On Friday, Feb. 7, hedge fund manager Bill Ackman took to social media platform X (formerly Twitter) to reveal his firm’s newest stock position. This is quite unusual, as investors typically need to wait until institutional investors publish a Form 13F following the end of a quarter to see which stocks they recently bought and sold.

Below, I’m going to analyze Ackman’s latest position and make the case for why I think this particular stock is one to buy hand over fist right now.

According to Ackman’s remarks, his hedge fund, Pershing Square Capital Management, started accumulating shares of Uber Technologies (NYSE: UBER) in the beginning of January. As of this writing, Pershing Square holds 30.3 million shares of Uber.

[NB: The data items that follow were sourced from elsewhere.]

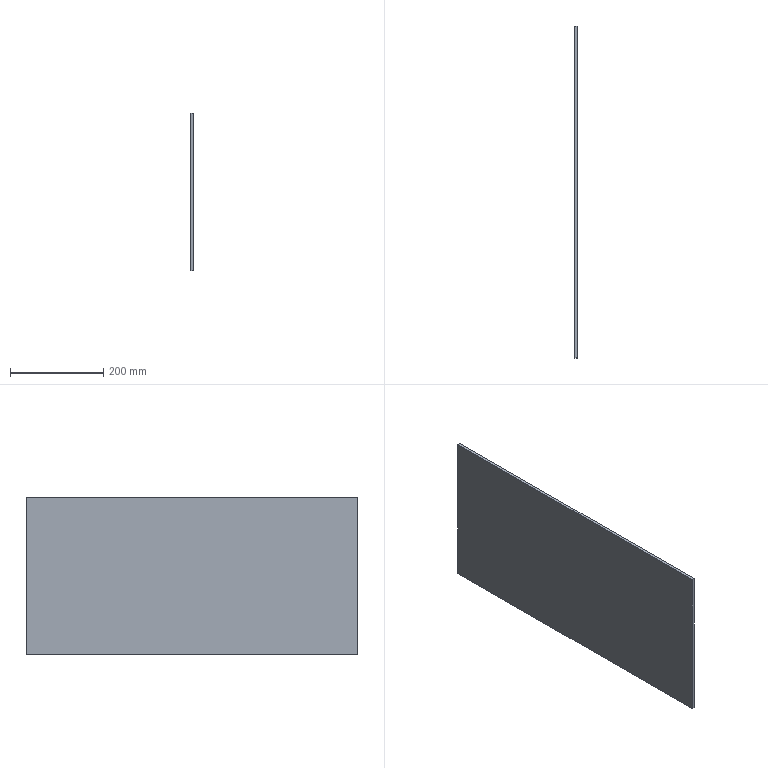Component | SolidWorks | RibPlate-16 | 1 solid | 6 faces | box 6 x 710 x 338 mm | volume 1439880 mm3 | plane 6 | material Plain Carbon Steel
STEP:
#1=COLOUR_RGB('',0.7922,0.8196,0.9333);
#2=FILL_AREA_STYLE_COLOUR('',#1);
#3=FILL_AREA_STYLE('',(#2));
#4=SURFACE_STYLE_FILL_AREA(#3);
#5=SURFACE_SIDE_STYLE('',(#4));
#6=SURFACE_STYLE_USAGE(.BOTH.,#5);
#7=PRESENTATION_STYLE_ASSIGNMENT((#6));
#8=CARTESIAN_POINT('',(167.596,126.37,154.106));
#9=VERTEX_POINT('',#8);
#10=CARTESIAN_POINT('',(167.596,126.37,140.799));
#11=VERTEX_POINT('',#10);
#12=CARTESIAN_POINT('',(167.596,126.37,140.799));
#13=DIRECTION('',(0.,0.,-1.));
#14=VECTOR('',#13,39.37);
#15=LINE('',#12,#14);
#16=EDGE_CURVE('',#9,#11,#15,.T.);
#17=ORIENTED_EDGE('',*,*,#16,.F.);
#18=CARTESIAN_POINT('',(167.832,126.37,154.106));
#19=VERTEX_POINT('',#18);
#20=CARTESIAN_POINT('',(167.832,126.37,154.106));
#21=DIRECTION('',(-1.,-0.,0.));
#22=VECTOR('',#21,39.37);
#23=LINE('',#20,#22);
#24=EDGE_CURVE('',#19,#9,#23,.T.);
#25=ORIENTED_EDGE('',*,*,#24,.F.);
#26=CARTESIAN_POINT('',(167.832,126.37,140.799));
#27=VERTEX_POINT('',#26);
#28=CARTESIAN_POINT('',(167.832,126.37,140.799));
#29=DIRECTION('',(0.,0.,-1.));
#30=VECTOR('',#29,39.37);
#31=LINE('',#28,#30);
#32=EDGE_CURVE('',#19,#27,#31,.T.);
#33=ORIENTED_EDGE('',*,*,#32,.T.);
#34=CARTESIAN_POINT('',(167.832,126.37,140.799));
#35=DIRECTION('',(-1.,-0.,0.));
#36=VECTOR('',#35,39.37);
#37=LINE('',#34,#36);
#38=EDGE_CURVE('',#27,#11,#37,.T.);
#39=ORIENTED_EDGE('',*,*,#38,.T.);
#40=EDGE_LOOP('',(#17,#25,#33,#39));
#41=FACE_OUTER_BOUND('',#40,.T.);
#42=CARTESIAN_POINT('',(167.832,126.37,140.799));
#43=DIRECTION('',(-0.,1.,0.));
#44=DIRECTION('',(0.,0.,-1.));
#45=AXIS2_PLACEMENT_3D('',#42,#43,#44);
#46=PLANE('',#45);
#47=ADVANCED_FACE('',(#41),#46,.T.);
#48=CARTESIAN_POINT('',(167.596,98.417,154.106));
#49=VERTEX_POINT('',#48);
#50=CARTESIAN_POINT('',(167.596,98.417,154.106));
#51=DIRECTION('',(-0.,1.,0.));
#52=VECTOR('',#51,39.37);
#53=LINE('',#50,#52);
#54=EDGE_CURVE('',#49,#9,#53,.T.);
#55=ORIENTED_EDGE('',*,*,#54,.F.);
#56=CARTESIAN_POINT('',(167.832,98.417,154.106));
#57=VERTEX_POINT('',#56);
#58=CARTESIAN_POINT('',(167.832,98.417,154.106));
#59=DIRECTION('',(-1.,-0.,0.));
#60=VECTOR('',#59,39.37);
#61=LINE('',#58,#60);
#62=EDGE_CURVE('',#57,#49,#61,.T.);
#63=ORIENTED_EDGE('',*,*,#62,.F.);
#64=CARTESIAN_POINT('',(167.832,98.417,154.106));
#65=DIRECTION('',(-0.,1.,0.));
#66=VECTOR('',#65,39.37);
#67=LINE('',#64,#66);
#68=EDGE_CURVE('',#57,#19,#67,.T.);
#69=ORIENTED_EDGE('',*,*,#68,.T.);
#70=ORIENTED_EDGE('',*,*,#24,.T.);
#71=EDGE_LOOP('',(#55,#63,#69,#70));
#72=FACE_OUTER_BOUND('',#71,.T.);
#73=CARTESIAN_POINT('',(167.832,98.417,154.106));
#74=DIRECTION('',(0.,0.,1.));
#75=DIRECTION('',(-0.,1.,0.));
#76=AXIS2_PLACEMENT_3D('',#73,#74,#75);
#77=PLANE('',#76);
#78=ADVANCED_FACE('',(#72),#77,.T.);
#79=CARTESIAN_POINT('',(167.596,98.417,140.799));
#80=VERTEX_POINT('',#79);
#81=CARTESIAN_POINT('',(167.596,98.417,140.799));
#82=DIRECTION('',(-0.,0.,1.));
#83=VECTOR('',#82,39.37);
#84=LINE('',#81,#83);
#85=EDGE_CURVE('',#80,#49,#84,.T.);
#86=ORIENTED_EDGE('',*,*,#85,.F.);
#87=CARTESIAN_POINT('',(167.832,98.417,140.799));
#88=VERTEX_POINT('',#87);
#89=CARTESIAN_POINT('',(167.832,98.417,140.799));
#90=DIRECTION('',(-1.,-0.,0.));
#91=VECTOR('',#90,39.37);
#92=LINE('',#89,#91);
#93=EDGE_CURVE('',#88,#80,#92,.T.);
#94=ORIENTED_EDGE('',*,*,#93,.F.);
#95=CARTESIAN_POINT('',(167.832,98.417,140.799));
#96=DIRECTION('',(-0.,0.,1.));
#97=VECTOR('',#96,39.37);
#98=LINE('',#95,#97);
#99=EDGE_CURVE('',#88,#57,#98,.T.);
#100=ORIENTED_EDGE('',*,*,#99,.T.);
#101=ORIENTED_EDGE('',*,*,#62,.T.);
#102=EDGE_LOOP('',(#86,#94,#100,#101));
#103=FACE_OUTER_BOUND('',#102,.T.);
#104=CARTESIAN_POINT('',(167.832,98.417,140.799));
#105=DIRECTION('',(0.,-1.,0.));
#106=DIRECTION('',(-0.,0.,1.));
#107=AXIS2_PLACEMENT_3D('',#104,#105,#106);
#108=PLANE('',#107);
#109=ADVANCED_FACE('',(#103),#108,.T.);
#110=CARTESIAN_POINT('',(167.596,98.417,140.799));
#111=DIRECTION('',(0.,-1.,0.));
#112=VECTOR('',#111,39.37);
#113=LINE('',#110,#112);
#114=EDGE_CURVE('',#11,#80,#113,.T.);
#115=ORIENTED_EDGE('',*,*,#114,.F.);
#116=ORIENTED_EDGE('',*,*,#38,.F.);
#117=CARTESIAN_POINT('',(167.832,98.417,140.799));
#118=DIRECTION('',(0.,-1.,0.));
#119=VECTOR('',#118,39.37);
#120=LINE('',#117,#119);
#121=EDGE_CURVE('',#27,#88,#120,.T.);
#122=ORIENTED_EDGE('',*,*,#121,.T.);
#123=ORIENTED_EDGE('',*,*,#93,.T.);
#124=EDGE_LOOP('',(#115,#116,#122,#123));
#125=FACE_OUTER_BOUND('',#124,.T.);
#126=CARTESIAN_POINT('',(167.832,98.417,140.799));
#127=DIRECTION('',(0.,0.,-1.));
#128=DIRECTION('',(0.,-1.,0.));
#129=AXIS2_PLACEMENT_3D('',#126,#127,#128);
#130=PLANE('',#129);
#131=ADVANCED_FACE('',(#125),#130,.T.);
#132=ORIENTED_EDGE('',*,*,#32,.F.);
#133=ORIENTED_EDGE('',*,*,#68,.F.);
#134=ORIENTED_EDGE('',*,*,#99,.F.);
#135=ORIENTED_EDGE('',*,*,#121,.F.);
#136=EDGE_LOOP('',(#132,#133,#134,#135));
#137=FACE_OUTER_BOUND('',#136,.T.);
#138=CARTESIAN_POINT('',(167.832,112.394,147.452));
#139=DIRECTION('',(-1.,-0.,0.));
#140=DIRECTION('',(0.,0.,1.));
#141=AXIS2_PLACEMENT_3D('',#138,#139,#140);
#142=PLANE('',#141);
#143=ADVANCED_FACE('',(#137),#142,.F.);
#144=ORIENTED_EDGE('',*,*,#16,.T.);
#145=ORIENTED_EDGE('',*,*,#114,.T.);
#146=ORIENTED_EDGE('',*,*,#85,.T.);
#147=ORIENTED_EDGE('',*,*,#54,.T.);
#148=EDGE_LOOP('',(#144,#145,#146,#147));
#149=FACE_OUTER_BOUND('',#148,.T.);
#150=CARTESIAN_POINT('',(167.596,112.394,147.452));
#151=DIRECTION('',(-1.,-0.,0.));
#152=DIRECTION('',(0.,0.,1.));
#153=AXIS2_PLACEMENT_3D('',#150,#151,#152);
#154=PLANE('',#153);
#155=ADVANCED_FACE('',(#149),#154,.T.);
#156=CLOSED_SHELL('',(#47,#78,#109,#131,#143,#155));
#157=MANIFOLD_SOLID_BREP('',#156);
#158=STYLED_ITEM('',(#7),#157);
#159=PRESENTATION_LAYER_ASSIGNMENT('','',(#158));
#160=CARTESIAN_POINT('',(0.,0.,0.));
#161=DIRECTION('',(0.,0.,1.));
#162=DIRECTION('',(1.,0.,0.));
#163=AXIS2_PLACEMENT_3D('',#160,#161,#162);
#164=(LENGTH_UNIT()NAMED_UNIT(*)SI_UNIT($,.METRE.));
#165=LENGTH_MEASURE_WITH_UNIT(LENGTH_MEASURE(0.0254),#164);
#166=DIMENSIONAL_EXPONENTS(1.,0.,0.,0.,0.,0.,0.);
#167=(CONVERSION_BASED_UNIT('',#165)LENGTH_UNIT()NAMED_UNIT(#166));
#168=UNCERTAINTY_MEASURE_WITH_UNIT(LENGTH_MEASURE(0.00001),#167,'','');
#169=(NAMED_UNIT(*)PLANE_ANGLE_UNIT()SI_UNIT($,.RADIAN.));
#170=(NAMED_UNIT(*)SI_UNIT($,.STERADIAN.)SOLID_ANGLE_UNIT());
#171=(GEOMETRIC_REPRESENTATION_CONTEXT(3)GLOBAL_UNCERTAINTY_ASSIGNED_CONTEXT((#168))GLOBAL_UNIT_ASSIGNED_CONTEXT((#167,#169,#170))REPRESENTATION_CONTEXT('',''));
#172=ADVANCED_BREP_SHAPE_REPRESENTATION('',(#157,#163),#171);
#173=(LENGTH_UNIT()NAMED_UNIT(*)SI_UNIT($,.METRE.));
#174=LENGTH_MEASURE_WITH_UNIT(LENGTH_MEASURE(0.0254),#173);
#175=DIMENSIONAL_EXPONENTS(1.,0.,0.,0.,0.,0.,0.);
#176=(CONVERSION_BASED_UNIT('',#174)LENGTH_UNIT()NAMED_UNIT(#175));
#177=UNCERTAINTY_MEASURE_WITH_UNIT(LENGTH_MEASURE(0.00001),#176,'','');
#178=(NAMED_UNIT(*)PLANE_ANGLE_UNIT()SI_UNIT($,.RADIAN.));
#179=(NAMED_UNIT(*)SI_UNIT($,.STERADIAN.)SOLID_ANGLE_UNIT());
#180=(GEOMETRIC_REPRESENTATION_CONTEXT(3)GLOBAL_UNCERTAINTY_ASSIGNED_CONTEXT((#177))GLOBAL_UNIT_ASSIGNED_CONTEXT((#176,#178,#179))REPRESENTATION_CONTEXT('',''));
#181=MECHANICAL_DESIGN_GEOMETRIC_PRESENTATION_REPRESENTATION('',(#158),#180);

Unlike other money managers, Pershing Square generally holds stock in a small cohort of companies. In other words, its portfolio generally only holds 10 or so stocks at any given time. Moreover, Ackman noted in his X post that he invested in Uber during a venture round many years ago when the company was still private.

To me, Ackman’s continued investment in Uber now that it’s a public company, combined with the stock earning a spot in his otherwise limited portfolio, signals that he has strong conviction in its potential.

Image source: Getty Images.

One of Ackman’s investment traits is that he looks for value stocks. He shared this sentiment on social media, writing that Uber stock “can still be purchased at a massive discount to its intrinsic value.”

As of this writing, shares of Uber are trading around $75. However, savvy investors understand that a stock price alone doesn’t determine the intrinsic value of the business.

Below, I’ll explore some valuation metrics that should help paint a better picture of what Uber is actually worth, and why I see now as a great opportunity to scoop up some shares.

The charts below illustrate Uber’s free-cash-flow trends over the last few years, in addition to the company’s price-to-earnings (P/E) and price-to-free-cash-flow (P/FCF) multiples. It’s important to note that the lines for the company’s P/E and P/FCF begin at the time when the company started generating consistent profits — hence, the purple lines do not go as far back for certain time periods.

UBER Free Cash Flow (Quarterly) Chart
UBER Free Cash Flow (Quarterly) data by YCharts

Here’s the convoluted thing about the metrics above. Over the last three years, Uber’s free cash flow has not only been consistent, but it’s also grown significantly. However, during this same time, the company’s P/E and P/FCF multiples have compressed. This means that as Uber evolved into a more profitable enterprise, the stock actually became cheaper relative to its earnings power.